La Contraloría detectó que era improcedente un sobresueldo de 55% y 20% sobre el salario base para Castillo y para López, respectivamente.

Lo anterior, por cuanto la restricción al ejercicio liberal de la profesión que aplica a ese puesto se regula mediante la prohibición establecida por el artículo 14 de la Ley contra la Corrupción y el Enriquecimiento Ilícito en la función pública n.° 8422, del 6 de octubre de 2004.

La decisión de la CGR de abrir la investigación contra el jerarca se originó en un estudio del año 2018 centrado en la partida de remuneraciones del ejercicio económico para ese año en el Minae.

En aquel análisis, se determinó que se realizaron cálculos equivocados en planillas ante la Caja Costarricense de Seguro Social, así como errores en estudios y procesos de recursos humanos relacionados con el otorgamiento de dedicación exclusiva a las entonces viceministras.

La Contraloría notificó las irregularidades al Minae en julio de 2019 y le dio plazo al 31 de marzo de 2020 para que el analizara el caso y determinara si procedía o no la devolución de los montos cancelados.

Desastre en Crucitas

Celeste López Quirós fue una persona clave durante la administración de Carlos Manuel Rodríguez para atender la situación de la mina Crucitas, ubicada en Cutris de San Carlos.

En diciembre de 2018, López visitó la zona minera junto con técnicos del Minae para medir fosas y recopilar datos en dos de los cinco puntos impactados por los coligalleros.

“Examinamos el número total de pilas, tomamos nota de su diámetro y su profundidad.

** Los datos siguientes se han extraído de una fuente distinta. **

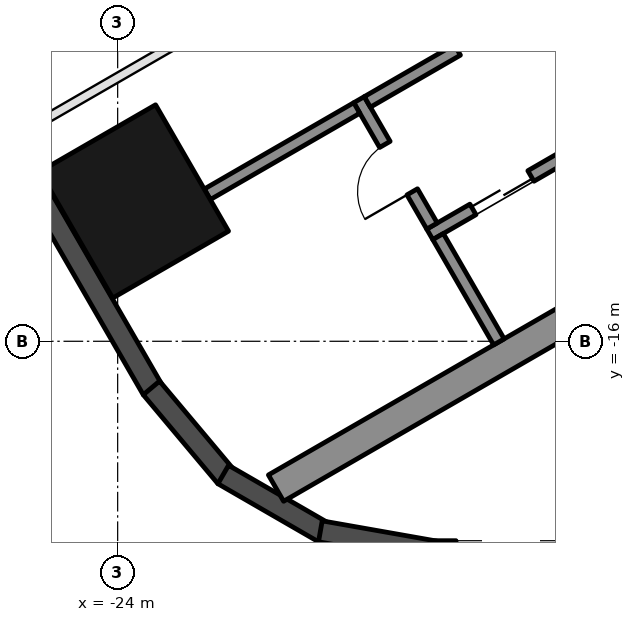
"""IFC4 building model, lengths in metres.
Left out: names, types, materials, properties, quantities, classifications, styles, units other than length and angle.
Written with IfcOpenShell. Run it as: python <this file> out.ifc"""

import sys

from ifc_helpers import new_model, si_unit, direction, frame, frame_2d, origin, origin_2d, place, context, subcontext, project, spatial, rectangle, hollow_rectangle, extrude, element, fill, save


model = new_model("IFC4")
c1 = context("Model", 3, precision=1e-05, world=origin(), true_north=direction((0.0, 1.0)))
c2 = subcontext(c1, "Body", "Model", "MODEL_VIEW")
j1 = project(units=[si_unit("LENGTHUNIT", "METRE"), si_unit("PLANEANGLEUNIT", "RADIAN")], contexts=[c1])
p1 = place(None, origin())
s1 = spatial("IfcSite", under=j1, at=p1, CompositionType="ELEMENT")
p2 = place(p1, origin())
s2 = spatial("IfcBuilding", under=s1, at=p2, CompositionType="ELEMENT")
p3 = place(p2, frame((0.0, 0.0, 150.3)))
s3 = spatial("IfcBuildingStorey", under=s2, at=p3, CompositionType="ELEMENT", Elevation=150.3)
p4 = place(p3, frame((-23.729, -13.7, 0.0), z_axis=(0.0, 0.0, 1.0), x_axis=(-0.5, 0.866025403784, 0.0)))
e1 = element("IfcColumn", 1, at=p4, inside=s3, PredefinedType="COLUMN", context=c2, shape_type="SweptSolid", body=[
    extrude(hollow_rectangle(XDim=2.4, YDim=2.2, WallThickness=0.06, at=origin_2d()), origin(), (0.0, 0.0, 1.0), 3.7),
])
p5 = place(p3, frame((-26.257, -11.893, 0.0), z_axis=(0.0, 0.0, 1.0), x_axis=(0.500018773155, -0.866014564827, 0.0)))
e2 = element("IfcWall", 2, at=p5, inside=s3, PredefinedType="SOLIDWALL", context=c2, shape_type="SweptSolid", body=[
    extrude(rectangle(XDim=5.658, YDim=0.35, at=frame_2d((2.829, 0.0))), origin(), (0.0, 0.0, 1.0), 3.55),
])
for number, where, z_axis, x_axis in (
    (3, (-23.445, -16.768, 0.0), (0.0, 0.0, 1.0), (0.643, -0.766, 0.0)),
    (4, (-22.264, -18.192, 0.0), (0.0, 0.0, 1.0), (0.866, -0.5, 0.0)),
):
    element("IfcWall", number, at=place(p3, frame(where, z_axis=z_axis, x_axis=x_axis)), inside=s3, PredefinedType="SOLIDWALL", context=c2, shape_type="SweptSolid", body=[
        extrude(rectangle(XDim=1.91, YDim=0.35, at=frame_2d((0.955, 0.0))), origin(), (0.0, 0.0, 1.0), 3.55),
    ])
p6 = place(p3, frame((-20.667, -19.126, 0.0), z_axis=(0.0, 0.0, 1.0), x_axis=(0.984798995425, -0.173697837091, 0.0)))
e5 = element("IfcWall", 5, at=p6, inside=s3, PredefinedType="SOLIDWALL", context=c2, shape_type="SweptSolid", body=[
    extrude(rectangle(XDim=1.91, YDim=0.35, at=frame_2d((0.955, 0.0))), origin(), (0.0, 0.0, 1.0), 3.55),
])
p7 = place(p3, frame((-18.816, -19.455, 0.0), z_axis=(0.0, 0.0, 1.0), x_axis=(1.0, 0.0, 0.0)))
e6 = element("IfcWall", 6, at=p7, inside=s3, PredefinedType="SOLIDWALL", context=c2, shape_type="SweptSolid", body=[
    extrude(rectangle(XDim=11.816, YDim=0.35, at=frame_2d((5.908, 0.0))), origin(), (0.0, 0.0, 1.0), 3.55),
])
p8 = place(p7, frame((0.381, 0.0, 0.3)))
e7 = element("IfcOpeningElement", 7, at=p8, cuts=e6, PredefinedType="OPENING", context=c2, shape_type="SweptSolid", body=[
    extrude(rectangle(XDim=1.8, YDim=2.65, at=frame_2d((0.9, 1.325))), frame((0.0, 0.185, 0.0), z_axis=(0.0, -1.0, 0.0), x_axis=(1.0, 0.0, 0.0)), (0.0, 0.0, 1.0), 0.37),
])
p9 = place(p7, frame((7.74, 0.0, 0.0)))
e8 = element("IfcOpeningElement", 8, at=p9, cuts=e6, PredefinedType="OPENING", context=c2, shape_type="SweptSolid", body=[
    extrude(rectangle(XDim=2.4, YDim=2.4, at=frame_2d((1.2, 1.2))), frame((0.0, 0.185, 0.0), z_axis=(0.0, -1.0, 0.0), x_axis=(1.0, 0.0, 0.0)), (0.0, 0.0, 1.0), 0.37),
])
p10 = place(p7, frame((3.791, 0.0, 0.3)))
e9 = element("IfcOpeningElement", 9, at=p10, cuts=e6, PredefinedType="OPENING", context=c2, shape_type="SweptSolid", body=[
    extrude(rectangle(XDim=1.6, YDim=2.65, at=frame_2d((0.8, 1.325))), frame((0.0, 0.185, 0.0), z_axis=(0.0, -1.0, 0.0), x_axis=(1.0, 0.0, 0.0)), (0.0, 0.0, 1.0), 0.37),
])
p11 = place(p7, frame((5.691, 0.0, 0.3)))
e10 = element("IfcOpeningElement", 10, at=p11, cuts=e6, PredefinedType="OPENING", context=c2, shape_type="SweptSolid", body=[
    extrude(rectangle(XDim=1.6, YDim=2.65, at=frame_2d((0.8, 1.325))), frame((0.0, 0.185, 0.0), z_axis=(0.0, -1.0, 0.0), x_axis=(1.0, 0.0, 0.0)), (0.0, 0.0, 1.0), 0.37),
])
p12 = place(p3, frame((-8.547, -10.997, 0.0), z_axis=(0.0, 0.0, 1.0), x_axis=(-0.866025009528, -0.500000682871, 0.0)))
e11 = element("IfcWall", 11, at=p12, inside=s3, PredefinedType="SHEAR", context=c2, shape_type="SweptSolid", body=[
    extrude(rectangle(XDim=14.837, YDim=0.5, at=frame_2d((7.418, 0.0))), origin(), (0.0, 0.0, 1.0), 3.5),
])
p13 = place(p3, frame((-10.068, -9.162, 0.0), z_axis=(0.0, 0.0, 1.0), x_axis=(-0.866032725843, -0.499987317609, 0.0)))
e12 = element("IfcWall", 12, at=p13, inside=s3, PredefinedType="SHEAR", context=c2, shape_type="SweptSolid", body=[
    extrude(rectangle(XDim=10.16, YDim=0.2, at=frame_2d((5.08, 0.0))), origin(), (0.0, 0.0, 1.0), 3.5),
])
p14 = place(p13, frame((0.62, 0.0, 0.0)))
e13 = element("IfcOpeningElement", 13, at=p14, cuts=e12, PredefinedType="OPENING", context=c2, shape_type="SweptSolid", body=[
    extrude(rectangle(XDim=1.1, YDim=2.1, at=frame_2d((0.55, 1.05))), frame((0.0, 0.11, 0.0), z_axis=(0.0, -1.0, 0.0), x_axis=(1.0, 0.0, 0.0)), (0.0, 0.0, 1.0), 0.22),
])
p15 = place(p13, frame((3.16, 0.0, 0.0)))
e14 = element("IfcOpeningElement", 14, at=p15, cuts=e12, PredefinedType="OPENING", context=c2, shape_type="SweptSolid", body=[
    extrude(rectangle(XDim=1.1, YDim=2.1, at=frame_2d((0.55, 1.05))), frame((0.0, 0.11, 0.0), z_axis=(0.0, -1.0, 0.0), x_axis=(1.0, 0.0, 0.0)), (0.0, 0.0, 1.0), 0.22),
])
p16 = place(p13, frame((5.7, 0.0, 0.0)))
e15 = element("IfcOpeningElement", 15, at=p16, cuts=e12, PredefinedType="OPENING", context=c2, shape_type="SweptSolid", body=[
    extrude(rectangle(XDim=1.1, YDim=2.1, at=frame_2d((0.55, 1.05))), frame((0.0, 0.11, 0.0), z_axis=(0.0, -1.0, 0.0), x_axis=(1.0, 0.0, 0.0)), (0.0, 0.0, 1.0), 0.22),
])
p17 = place(p13, frame((8.24, 0.0, 0.0)))
e16 = element("IfcOpeningElement", 16, at=p17, cuts=e12, PredefinedType="OPENING", context=c2, shape_type="SweptSolid", body=[
    extrude(rectangle(XDim=1.1, YDim=2.1, at=frame_2d((0.55, 1.05))), frame((0.0, 0.11, 0.0), z_axis=(0.0, -1.0, 0.0), x_axis=(1.0, 0.0, 0.0)), (0.0, 0.0, 1.0), 0.22),
])
p18 = place(p3, frame((-20.031, -12.026, 0.0), z_axis=(0.0, 0.0, 1.0), x_axis=(0.500033551112, -0.866006032174, 0.0)))
e17 = element("IfcWall", 17, at=p18, inside=s3, PredefinedType="SHEAR", context=c2, shape_type="SweptSolid", body=[
    extrude(rectangle(XDim=2.4, YDim=0.2, at=frame_2d((1.2, 0.0))), origin(), (0.0, 0.0, 1.0), 3.5),
])
p19 = place(p18, frame((0.85, 0.0, 0.0)))
e18 = element("IfcOpeningElement", 18, at=p19, cuts=e17, PredefinedType="OPENING", context=c2, shape_type="SweptSolid", body=[
    extrude(rectangle(XDim=0.9, YDim=2.1, at=frame_2d((0.45, 1.05))), frame((0.0, 0.11, 0.0), z_axis=(0.0, -1.0, 0.0), x_axis=(1.0, 0.0, 0.0)), (0.0, 0.0, 1.0), 0.22),
])
p20 = place(p3, frame((-18.413, -11.208, 0.0), z_axis=(0.0, 0.0, 1.0), x_axis=(-0.866038183914, -0.499977863513, 0.0)))
e19 = element("IfcWall", 19, at=p20, inside=s3, PredefinedType="SHEAR", context=c2, shape_type="SweptSolid", body=[
    extrude(rectangle(XDim=1.71, YDim=0.2, at=frame_2d((0.855, 0.0))), origin(), (0.0, 0.0, 1.0), 3.5),
])
p21 = place(p3, frame((-18.73, -14.278, 0.0), z_axis=(0.0, 0.0, 1.0), x_axis=(0.50002537861, -0.866010750942, 0.0)))
e20 = element("IfcWall", 20, at=p21, inside=s3, PredefinedType="SHEAR", context=c2, shape_type="SweptSolid", body=[
    extrude(rectangle(XDim=2.0, YDim=0.2, at=frame_2d((1.0, 0.0))), origin(), (0.0, 0.0, 1.0), 3.5),
])
p22 = place(p3, frame((-20.067, -12.163, 0.0), z_axis=(0.0, 0.0, 1.0), x_axis=(-0.866055327414, -0.49994816717, 0.0)))
e21 = element("IfcWall", 21, at=p22, inside=s3, PredefinedType="SHEAR", context=c2, shape_type="SweptSolid", body=[
    extrude(rectangle(XDim=2.84, YDim=0.2, at=frame_2d((1.42, 0.0))), origin(), (0.0, 0.0, 1.0), 3.5),
])
p23 = place(p3, frame((-19.613, -9.13, 0.0), z_axis=(0.0, 0.0, 1.0), x_axis=(-0.866031734426, -0.499989034847, 0.0)))
e22 = element("IfcWall", 22, at=p23, inside=s3, PredefinedType="PARTITIONING", context=c2, shape_type="SweptSolid", body=[
    extrude(rectangle(XDim=6.95, YDim=0.15, at=frame_2d((3.475, 0.0))), origin(), (0.0, 0.0, 1.0), 3.5),
])
p24 = place(p17, origin())
e23 = element("IfcDoor", 23, at=p24, inside=s3, OperationType="DOUBLE_DOOR_SLIDING", PredefinedType="DOOR", context=c2, shape_type="SweptSolid", body=[
    extrude(rectangle(XDim=1.1, YDim=2.1, at=frame_2d((0.55, 1.05))), frame((0.0, 0.025, 0.0), z_axis=(0.0, -1.0, 0.0), x_axis=(1.0, 0.0, 0.0)), (0.0, 0.0, 1.0), 0.05),
])
fill(e16, e23)
p25 = place(p19, frame((0.9, 0.0, 0.0), z_axis=(0.0, 0.0, 1.0), x_axis=(-1.0, 0.0, 0.0)))
e24 = element("IfcDoor", 24, at=p25, inside=s3, OperationType="SINGLE_SWING_LEFT", PredefinedType="DOOR", context=c2, shape_type="SweptSolid", body=[
    extrude(rectangle(XDim=0.9, YDim=2.1, at=frame_2d((0.45, 1.05))), frame((0.0, 0.025, 0.0), z_axis=(0.0, -1.0, 0.0), x_axis=(1.0, 0.0, 0.0)), (0.0, 0.0, 1.0), 0.05),
])
fill(e18, e24)
save(model, sys.argv[1])

Sinceramente no creemos que sea posible tener claridad de cuánto oro se extrajo sin completar primero estos análisis”, explicó en aquel momento.

El pasado 19 de agosto, Rodríguez compareció ante el plenario legislativo para referirse a las acciones del gobierno para frenar actividades ilegales en Crucitas y afirmó que Costa Rica padece un vacío legal en el manejo de la minería en general.

En esa ocasión también alegó que Crucitas no es un desastre ambiental y que la situación en la zona está más controlada.

No obstante, la nueva jerarca del Minae afirmó este lunes en Noticias Columbia que la situación de Crucitas es un “desastre nacional” en términos de seguridad y salud, por lo que tiene entre sus prioridades buscar una solución al problema.

“Yo creo que cuando hablamos de problemas de seguridad de este tipo, cuando vemos que hay mafias en todo este tránsito, cuando vemos que hay circulación de químicos que son tan tóxicos, yo creo que eso es un desastre”, comentó Meza.

Distintos grupos criminales organizados han convertido la zona minera de Crucitas en una región donde se roba el oro y plata de Costa Rica, se evaden impuestos, talan bosques y trafican cianuro, mercurio y armamento pesado.

A 200 kilómetros de San José y a unos pocos del límite con Nicaragua, estas mafias también corrompen a funcionarios del Estado para que se hagan de la vista gorda, detalla un informe del Organismo de Investigación Judicial (OIJ).

El desborde de crímenes nace de una alianza entre coligalleros y “empresarios de la zona”, costarricenses, quienes contratan mano de obra ilegal nicaragüense que junto a los nacionales han conseguido un secuestro hasta ahora impecable de la riqueza natural de ese lugar.